Wine is facing a cyclical adjustment, not crisis, argues MW

Monday, 1 December, 2025
The Drinks Business, Matthew Deller MW
Master of Wine Matthew Deller tackles "the great wine debate" as he responds to an article in which it was suggested that the category is suffering from more than just a temporary downturn.

The question of whether wine faces a structural decline or a cyclical adjustment has resurfaced with every major economic contraction of the past century. Current conditions, including slowing volume growth, falling fine-wine indices and demographic shifts, invite the same debate. A review of global data suggests that the pattern is cyclical within developed markets, structural in some behavioural aspects, and ultimately consistent with the long-term evolution of a mature category.

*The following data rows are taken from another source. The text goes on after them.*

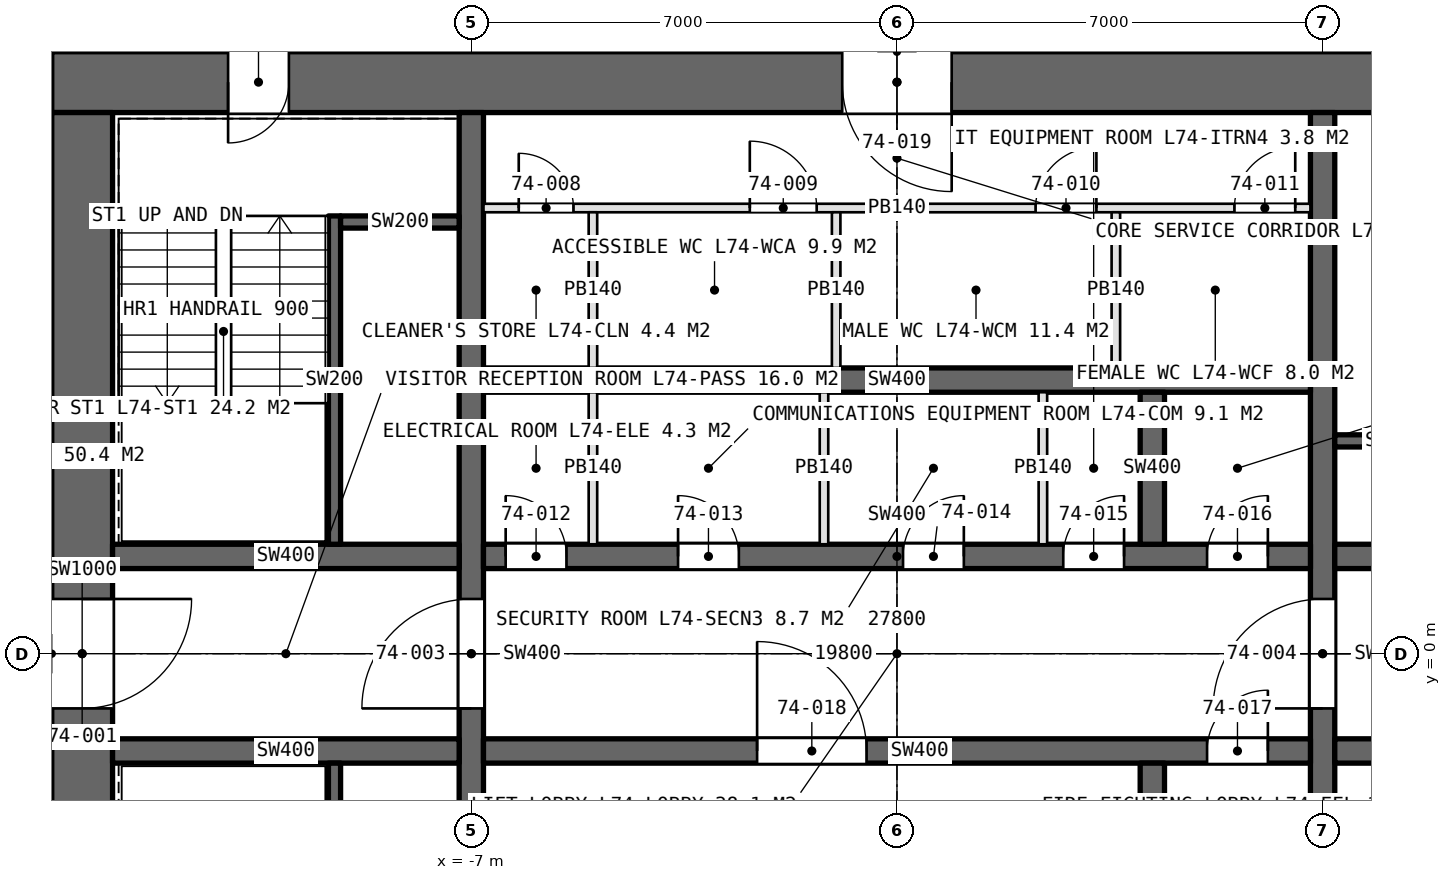
"""IFC4 building model, lengths in metres.
Left out: names, types, materials, properties, quantities, classifications, styles, units other than length and angle.
Written with IfcOpenShell. Run it as: python <this file> out.ifc"""

import sys

from ifc_helpers import new_model, si_unit, direction, frame, frame_2d, origin, place, context, subcontext, project, spatial, rectangle, extrude, element, fill, save


model = new_model("IFC4")
c1 = context("Model", 3, precision=1e-05, world=origin(), true_north=direction((0.0, 1.0)))
c2 = subcontext(c1, "Body", "Model", "MODEL_VIEW")
j1 = project(units=[si_unit("LENGTHUNIT", "METRE"), si_unit("PLANEANGLEUNIT", "RADIAN")], contexts=[c1])
p1 = place(None, origin())
s1 = spatial("IfcSite", under=j1, at=p1, CompositionType="ELEMENT")
p2 = place(p1, origin())
s2 = spatial("IfcBuilding", under=s1, at=p2, CompositionType="ELEMENT")
p3 = place(p2, frame((0.0, 0.0, 330.0)))
s3 = spatial("IfcBuildingStorey", under=s2, at=p3, CompositionType="ELEMENT", Elevation=330.0)
p4 = place(p3, frame((13.9, 9.4, 0.0), z_axis=(0.0, 0.0, 1.0), x_axis=(-1.0, 0.0, 0.0)))
e1 = element("IfcWall", 1, at=p4, inside=s3, PredefinedType="SHEAR", context=c2, shape_type="SweptSolid", body=[
    extrude(rectangle(XDim=27.8, YDim=1.0, at=frame_2d((13.9, 0.0))), origin(), (0.0, 0.0, 1.0), 4.2),
])
p5 = place(p4, frame((23.9, 0.0, 0.0)))
e2 = element("IfcOpeningElement", 2, at=p5, cuts=e1, PredefinedType="OPENING", context=c2, shape_type="SweptSolid", body=[
    extrude(rectangle(XDim=1.0, YDim=2.4, at=frame_2d((0.5, 1.2))), frame((0.0, 0.51, 0.0), z_axis=(0.0, -1.0, 0.0), x_axis=(1.0, 0.0, 0.0)), (0.0, 0.0, 1.0), 1.02),
])
p6 = place(p4, frame((13.0, 0.0, 0.0)))
e3 = element("IfcOpeningElement", 3, at=p6, cuts=e1, PredefinedType="OPENING", context=c2, shape_type="SweptSolid", body=[
    extrude(rectangle(XDim=1.8, YDim=2.4, at=frame_2d((0.9, 1.2))), frame((0.0, 0.51, 0.0), z_axis=(0.0, -1.0, 0.0), x_axis=(1.0, 0.0, 0.0)), (0.0, 0.0, 1.0), 1.02),
])
p7 = place(p3, frame((-13.4, 8.9, 0.0), z_axis=(0.0, 0.0, 1.0), x_axis=(0.0, -1.0, 0.0)))
e4 = element("IfcWall", 4, at=p7, inside=s3, PredefinedType="SHEAR", context=c2, shape_type="SweptSolid", body=[
    extrude(rectangle(XDim=17.8, YDim=1.0, at=frame_2d((8.9, 0.0))), origin(), (0.0, 0.0, 1.0), 4.2),
])
p8 = place(p7, frame((8.0, 0.0, 0.0)))
e5 = element("IfcOpeningElement", 5, at=p8, cuts=e4, PredefinedType="OPENING", context=c2, shape_type="SweptSolid", body=[
    extrude(rectangle(XDim=1.8, YDim=2.4, at=frame_2d((0.9, 1.2))), frame((0.0, 0.51, 0.0), z_axis=(0.0, -1.0, 0.0), x_axis=(1.0, 0.0, 0.0)), (0.0, 0.0, 1.0), 1.02),
])
p9 = place(p7, frame((16.6, 0.0, 0.0)))
e6 = element("IfcOpeningElement", 6, at=p9, cuts=e4, PredefinedType="OPENING", context=c2, shape_type="SweptSolid", body=[
    extrude(rectangle(XDim=1.0, YDim=2.4, at=frame_2d((0.5, 1.2))), frame((0.0, 0.51, 0.0), z_axis=(0.0, -1.0, 0.0), x_axis=(1.0, 0.0, 0.0)), (0.0, 0.0, 1.0), 1.02),
])
p10 = place(p3, frame((-7.0, -8.9, 0.0), z_axis=(0.0, 0.0, 1.0), x_axis=(0.0, 1.0, 0.0)))
e7 = element("IfcWall", 7, at=p10, inside=s3, PredefinedType="SHEAR", context=c2, shape_type="SweptSolid", body=[
    extrude(rectangle(XDim=17.8, YDim=0.4, at=frame_2d((8.9, 0.0))), origin(), (0.0, 0.0, 1.0), 4.2),
])
p11 = place(p10, frame((8.0, 0.0, 0.0)))
e8 = element("IfcOpeningElement", 8, at=p11, cuts=e7, PredefinedType="OPENING", context=c2, shape_type="SweptSolid", body=[
    extrude(rectangle(XDim=1.8, YDim=2.4, at=frame_2d((0.9, 1.2))), frame((0.0, 0.21, 0.0), z_axis=(0.0, -1.0, 0.0), x_axis=(1.0, 0.0, 0.0)), (0.0, 0.0, 1.0), 0.42),
])
p12 = place(p3, frame((7.0, -8.9, 0.0), z_axis=(0.0, 0.0, 1.0), x_axis=(0.0, 1.0, 0.0)))
e9 = element("IfcWall", 9, at=p12, inside=s3, PredefinedType="SHEAR", context=c2, shape_type="SweptSolid", body=[
    extrude(rectangle(XDim=17.8, YDim=0.4, at=frame_2d((8.9, 0.0))), origin(), (0.0, 0.0, 1.0), 4.2),
])
p13 = place(p12, frame((8.0, 0.0, 0.0)))
e10 = element("IfcOpeningElement", 10, at=p13, cuts=e9, PredefinedType="OPENING", context=c2, shape_type="SweptSolid", body=[
    extrude(rectangle(XDim=1.8, YDim=2.4, at=frame_2d((0.9, 1.2))), frame((0.0, 0.21, 0.0), z_axis=(0.0, -1.0, 0.0), x_axis=(1.0, 0.0, 0.0)), (0.0, 0.0, 1.0), 0.42),
])
p14 = place(p3, frame((-6.8, 1.6, 0.0), z_axis=(0.0, 0.0, 1.0), x_axis=(1.0, 0.0, 0.0)))
e11 = element("IfcWall", 11, at=p14, inside=s3, PredefinedType="SHEAR", context=c2, shape_type="SweptSolid", body=[
    extrude(rectangle(XDim=13.6, YDim=0.4, at=frame_2d((6.8, 0.0))), origin(), (0.0, 0.0, 1.0), 4.2),
])
p15 = place(p14, frame((0.365, 0.0, 0.0)))
e12 = element("IfcOpeningElement", 12, at=p15, cuts=e11, PredefinedType="OPENING", context=c2, shape_type="SweptSolid", body=[
    extrude(rectangle(XDim=1.0, YDim=2.4, at=frame_2d((0.5, 1.2))), frame((0.0, 0.21, 0.0), z_axis=(0.0, -1.0, 0.0), x_axis=(1.0, 0.0, 0.0)), (0.0, 0.0, 1.0), 0.42),
])
p16 = place(p14, frame((3.2, 0.0, 0.0)))
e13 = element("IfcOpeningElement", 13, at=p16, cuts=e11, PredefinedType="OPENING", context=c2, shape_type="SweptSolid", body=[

The fine wine market’s contraction in 2024 represents normal correction after a speculative surge. Liv-ex indices fell approximately 11% during the year, following a rise of more than 30% between 2020 and 2022. Market behaviour aligns with classic price elasticity in luxury goods: sharp appreciation driven by constrained supply and speculative investment, followed by deflation as liquidity tightens. Even after the decline, global fine-wine prices remain close to twice their 2014 levels. Historically, similar corrections have occurred after every major macroeconomic tightening, including 2008 and 2011, without altering the long-term trend of real-value appreciation.

Cyclical constraint not fundamental retreat

At the broader market level, global still-wine volumes fell by roughly 5% in 2024 according to the OIV. NielsenIQ recorded a corresponding fall in value of less than 1%, implying that the losses were concentrated in lower-priced tiers while premium and fine categories held share. This divergence of volume and value mirrors prior downturns when consumers reduced frequency but not necessarily trading level, signalling cyclical constraint rather than fundamental retreat.

Between 2021 and 2024, IWSR data shows a decline of about five million monthly wine drinkers across key mature markets even as adult populations grew by roughly nine million. Market penetration slipped from 36% to 35%.